Stolberg-Breinig - Gericht entscheidet über Steinbruch bei Breinig

Gericht entscheidet über Steinbruch bei Breinig

Von: Jürgen Lange
Letzte Aktualisierung:

Stolberg-Breinig. Die erste Sprengung nach der Genehmigung des Breiniger Steinbruchs erfolgte am 2. Juni 2008 und konnte durch die Bürgerinitiative „Rettet das Münsterländchen” ebenso wie der weitere Betrieb nicht auf juristischem Wege verhindert werden.

Weder die Klage gegen einen vorzeitigen Betriebsbeginn noch einen Eilantrag gegen die vorzeitige Inbetriebnahme hatte Erfolg vor dem Verwaltungsgericht. Und auch das OVG Münster lehnte die Beschwerde der Steinbruchgegner ab.

Ihre Hoffnungen richten sich nun auf dem 13. Dezember. Dann verhandelt die 6. Kammer des Aachener Verwaltungsgerichtes unter Vorsitz von Ulrich Eske in der Hauptsache. Antragsgegnerin ist die Bezirksregierung, die die Abbaugenehmigung im Juni 2007 für die Dauer von 45 Jahren erteilt und vier Monate später für sofort vollziehbar erklärt hatte.

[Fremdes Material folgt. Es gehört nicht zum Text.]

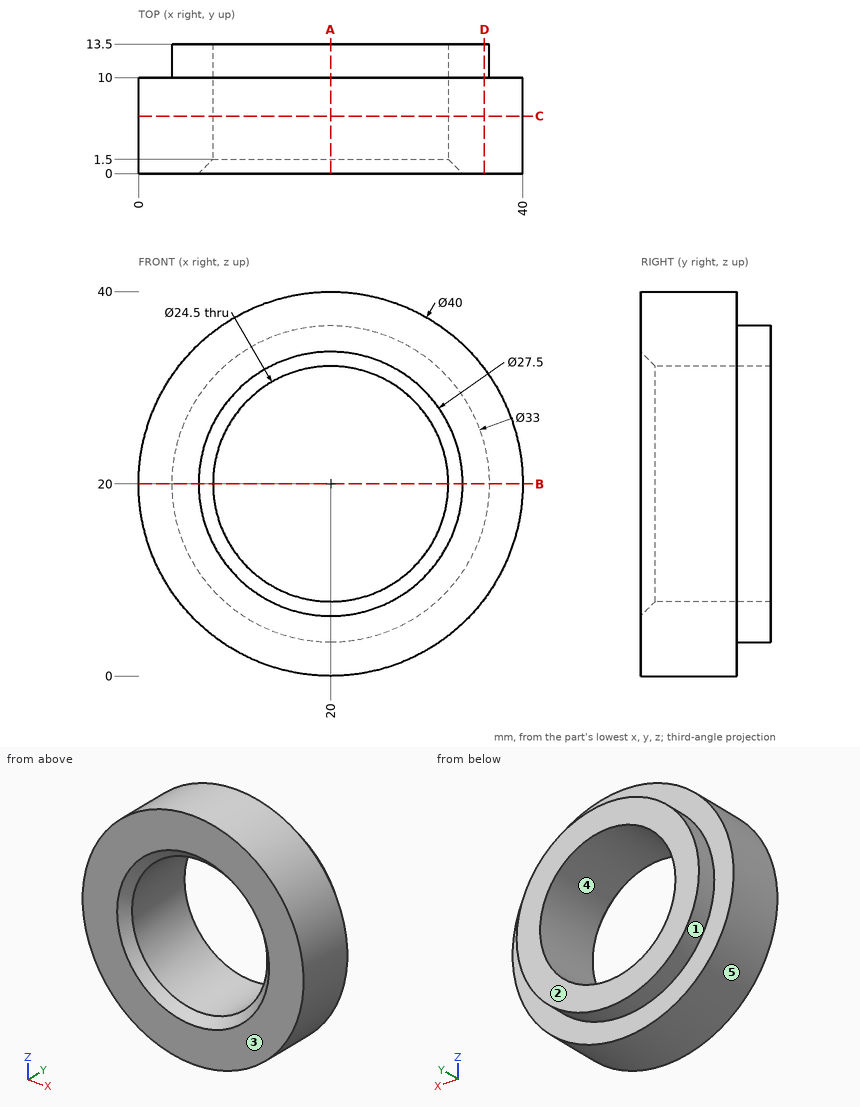
Answer from the drawing. Dimensions are ordinates in mm from the lowest x, y and z of the part. A direction names the side the tool comes from. Round coordinates to 2 decimals unless told otherwise and drop trailing zeros. Order: outer loops, then holes, each group sorted by start corner. A loop starts at its lowest first (then second) coordinate and runs counter-clockwise, first axis right, second up. Notation, with made-up numbers: (34.25, 31.25) - (47.25, 31.25) arc R30 ccw to (47.25, 57.25) - close; hole circle Ø1 at (4.25, -15.75). An arc over 180 degrees is marked (long way). Put each result on its own line as item: value. Start each with the question number.
(1) Find section A-A (x = 20). Give the vertices of the cut face in (y, z).
(2) For the marked faces 1 and 2, determine the directions among +Z, -Z, +X, -X, +Y, -Y from which every point of the face is accessible in a straight line to the end or side of a thin tool.
(3) Straight lines are drawn through the part: probe 1 along X at (y, z) = (4.5, 20); probe 2 along X at (y, z) = (11, 20); probe 3 along Y at (x, z) = (3, 11). For each, find the intervals that lie inside material, in ascending order. Write a range as from..to.
(4) Find section C-C (y = 6). Give the vertices of the cut face in (x, z).
(5) Find section D-D (x = 36). Give the vertices of the cut face in (y, z).
(6) Find section B-B (z = 20). Give the vertices of the cut face in (x, y).
(7) Determine the mould class of the marked faces 3, 4 and 5 for opening direction Z: released by +Z, released by -Z, zero draft, split by the parting line, or undercut.
(8) Given P1, Ø5, axis at y = 12, z = 23.5, coming from the -X side; P2, Ø8, axis at y = 4.5, z = 20.5, coming from the -X side; P3, Ø5, axis at x = 13.5, y = 5.5, coming from the +Z side, each flat-ended and moving along its own axis, determine where each tip first touches the part or whether it passes through.
Reply:
1. outline: (0, 0) - (10, 0) - (10, 3.5) - (13.5, 3.5) - (13.5, 7.75) - (1.5, 7.75) - (0, 6.25) - close; (0, 33.75) - (1.5, 32.25) - (13.5, 32.25) - (13.5, 36.5) - (10, 36.5) - (10, 40) - (0, 40) - close
2. face 1: +Y
2. face 2: +Z, -Z, +X, -X, +Y
3. probe 1: 0..7.75, 32.25..40
3. probe 2: 3.5..7.75, 32.25..36.5
3. probe 3: 0..10
4. outline: circle Ø40 at (20, 20); hole circle Ø24.5 at (20, 20)
5. outline: (0, 8) - (10, 8) - (10, 15.97) - (13.5, 15.97) - (13.5, 24.03) - (10, 24.03) - (10, 32) - (0, 32) - close
6. outline: (0, 0) - (6.25, 0) - (7.75, 1.5) - (7.75, 13.5) - (3.5, 13.5) - (3.5, 10) - (0, 10) - close; (32.25, 1.5) - (33.75, 0) - (40, 0) - (40, 10) - (36.5, 10) - (36.5, 13.5) - (32.25, 13.5) - close
7. face 3: zero draft
7. face 4: undercut
7. face 5: split by the parting line
8. P1: x = 0.1
8. P2: x = 0
8. P3: z = 39.6

Beeinträchtigungen: Zumutbar oder nicht?

„Die Entscheidungen in den Eilverfahren sind kein Vorgriff auf die Hauptverhandlung”, betont Pressedezernent Markus Lehmler. Gleichwohl hatten die 6.Kammer ebenso wie der 8.Senat in Münster vor zwei Jahren deutlich geurteilt. Es sei hinreichend sichergestellt, dass es „nicht zu unzumutbaren Beeinträchtigungen” kommen werde, hatte das OVG befunden. Und die 6.Kammer hatte „nach überschlägiger Prüfung” festgestellt, dass die „Genehmigung nicht offensichtlich rechtswidrig” sei. Schädliche Auswirkungen von einem Abbau seien weder von den ausgehenden Geräuschen noch durch Erschütterungen oder Luftverunreinigungen zu erwarten, hatten die Aachener Richter nach dem Einholen von diversen Gutachten, aber vor Beginn des Abbaus befunden, und in einer 45 Seiten umfassenden Urteilsbegründung ausgeführt.

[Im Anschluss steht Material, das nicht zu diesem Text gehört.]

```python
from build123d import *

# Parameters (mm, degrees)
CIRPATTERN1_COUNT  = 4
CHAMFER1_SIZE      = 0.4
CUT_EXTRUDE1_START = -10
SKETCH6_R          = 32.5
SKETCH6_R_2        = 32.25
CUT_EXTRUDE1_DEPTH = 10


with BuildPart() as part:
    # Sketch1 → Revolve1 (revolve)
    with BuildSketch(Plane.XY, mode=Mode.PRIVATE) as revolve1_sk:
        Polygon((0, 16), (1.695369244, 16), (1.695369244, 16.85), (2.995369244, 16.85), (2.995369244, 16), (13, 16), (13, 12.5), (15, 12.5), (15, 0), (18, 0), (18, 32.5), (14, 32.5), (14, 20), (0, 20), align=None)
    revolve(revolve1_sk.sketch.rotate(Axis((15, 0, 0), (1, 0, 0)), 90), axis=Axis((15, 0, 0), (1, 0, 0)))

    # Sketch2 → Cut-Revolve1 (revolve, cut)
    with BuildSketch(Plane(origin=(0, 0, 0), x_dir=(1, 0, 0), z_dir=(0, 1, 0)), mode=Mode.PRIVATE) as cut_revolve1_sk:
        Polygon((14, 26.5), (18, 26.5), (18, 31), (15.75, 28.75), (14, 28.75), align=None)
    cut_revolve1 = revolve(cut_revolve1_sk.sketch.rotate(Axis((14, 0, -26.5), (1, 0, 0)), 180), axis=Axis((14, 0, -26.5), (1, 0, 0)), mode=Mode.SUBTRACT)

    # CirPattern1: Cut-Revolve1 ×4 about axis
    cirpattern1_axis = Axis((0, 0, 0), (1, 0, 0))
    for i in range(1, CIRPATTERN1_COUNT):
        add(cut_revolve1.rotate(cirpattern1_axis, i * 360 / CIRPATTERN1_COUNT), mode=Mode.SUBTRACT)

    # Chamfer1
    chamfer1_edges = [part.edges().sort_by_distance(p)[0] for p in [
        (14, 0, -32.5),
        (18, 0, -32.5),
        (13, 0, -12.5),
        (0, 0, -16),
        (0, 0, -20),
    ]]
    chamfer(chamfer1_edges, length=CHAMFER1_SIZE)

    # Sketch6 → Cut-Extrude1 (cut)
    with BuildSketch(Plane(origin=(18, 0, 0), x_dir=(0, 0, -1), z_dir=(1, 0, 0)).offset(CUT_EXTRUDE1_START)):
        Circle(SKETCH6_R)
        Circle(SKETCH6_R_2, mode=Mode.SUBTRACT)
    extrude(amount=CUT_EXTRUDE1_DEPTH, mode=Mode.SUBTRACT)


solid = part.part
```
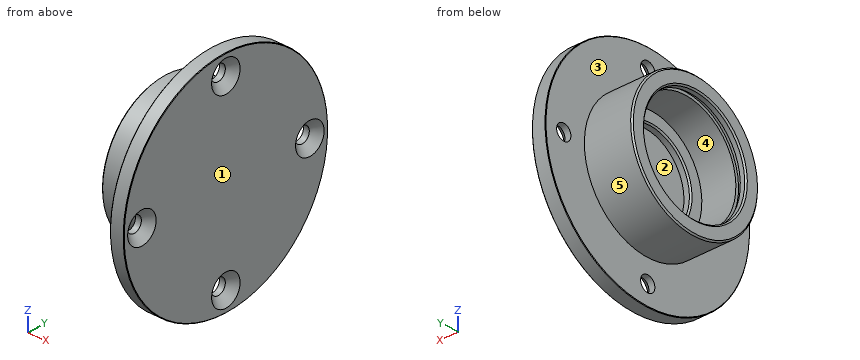
Design review of the part built by this model. Coordinates are the model's own, in mm. Face numbers are marked on the shaded views. A direction names the side the tool comes from. Coordinates: 2 decimals unless noted, no trailing zeros. Write each loop counter-clockwise with the first axis right and the second up, starting at its lowest first coordinate (ties: lowest second). Pieces come first, ordered by that corner, then holes.
1) Add section A-A (x = 8.5). Write out the cut boundary in (y, z), plus the area to 3 significant figures.
2) Insertion check: pin 1 (7.5 mm diameter, centred on y = -1.5, z = -5.5, fed in from -X); pin 2 (6 mm diameter, centred on y = 0, z = -26.5, fed in from -X); pin 3 (5 mm diameter, centred on x = 9.5, y = -1, fed in from +Z). Each pin has a flat end and moves straight along its axis. Give the tip position at first contact, or say it passes through.
3) Machinability: for the marked faces 1 and 2, which of the approach directions +Z, -Z, +X, -X, +Y, -Y give a long, thin tool a straight path to every point of the face, cutting with its end or side? Answer none if there is none.
4) Add section C-C (x = 17). Write out the cut boundary in (y, z), plus the area to 3 significant figures.
5) Mouldability with a two-part tool opening along Y and no side actions: class the marked faces 3, 4 and 5 as +Y half, -Y half, draft (parallel to the pull), parting line (faces both ways), or undercut.
6) To check wall thickness, follow L1, parallel to Y at x = 2.45, z = 0; L2, parallel to Y at x = 8.25, z = 0; L3, parallel to X at y = -6, z = -12.5. State the ranges of each line that lie inside material, in increasing order.
7) Add section B-B (z = 0). State how many separate pieces and enclosed holes the cut face has, plus the area to 3 significant figures.
Check result:
1. outline: circle Ø40 at (0, 0); hole circle Ø32 at (0, 0)
1. area: 452 mm2
2. pin 1: stops at x = 15
2. pin 2: stops at x = 14
2. pin 3: stops at z = 20
3. face 1: +Z, -Z, +X, +Y, -Y
3. face 2: -X
4. outline: circle Ø64.5 at (0, 0); hole circle Ø7 at (-26.5, 0); hole circle Ø7 at (0, -26.5); hole circle Ø7 at (0, 26.5); hole circle Ø7 at (26.5, 0)
4. area: 3,110 mm2
5. face 3: draft
5. face 4: undercut
5. face 5: parting line
6. L1: y = -20 to -16.85, 16.85 to 20
6. L2: y = -20 to -16, 16 to 20
6. L3: x = 13 to 18
7. separate pieces: 3
7. enclosed holes: 0
7. area: 303 mm2

Nachdem in den Eilverfahren das Begehren auf vorläufigen Rechtsschutz abgelehnt worden war, können in der kommenden Hauptverhandlung auch die Erfahrungen aus dem bislang erfolgten Abbaubetrieb einfließen. Entsprechend der Auflagen der Bezirksregierung wird die Gewinnung der Rohstoffe mit einem umfangreichen Messprogramm begleitet und dokumentiert.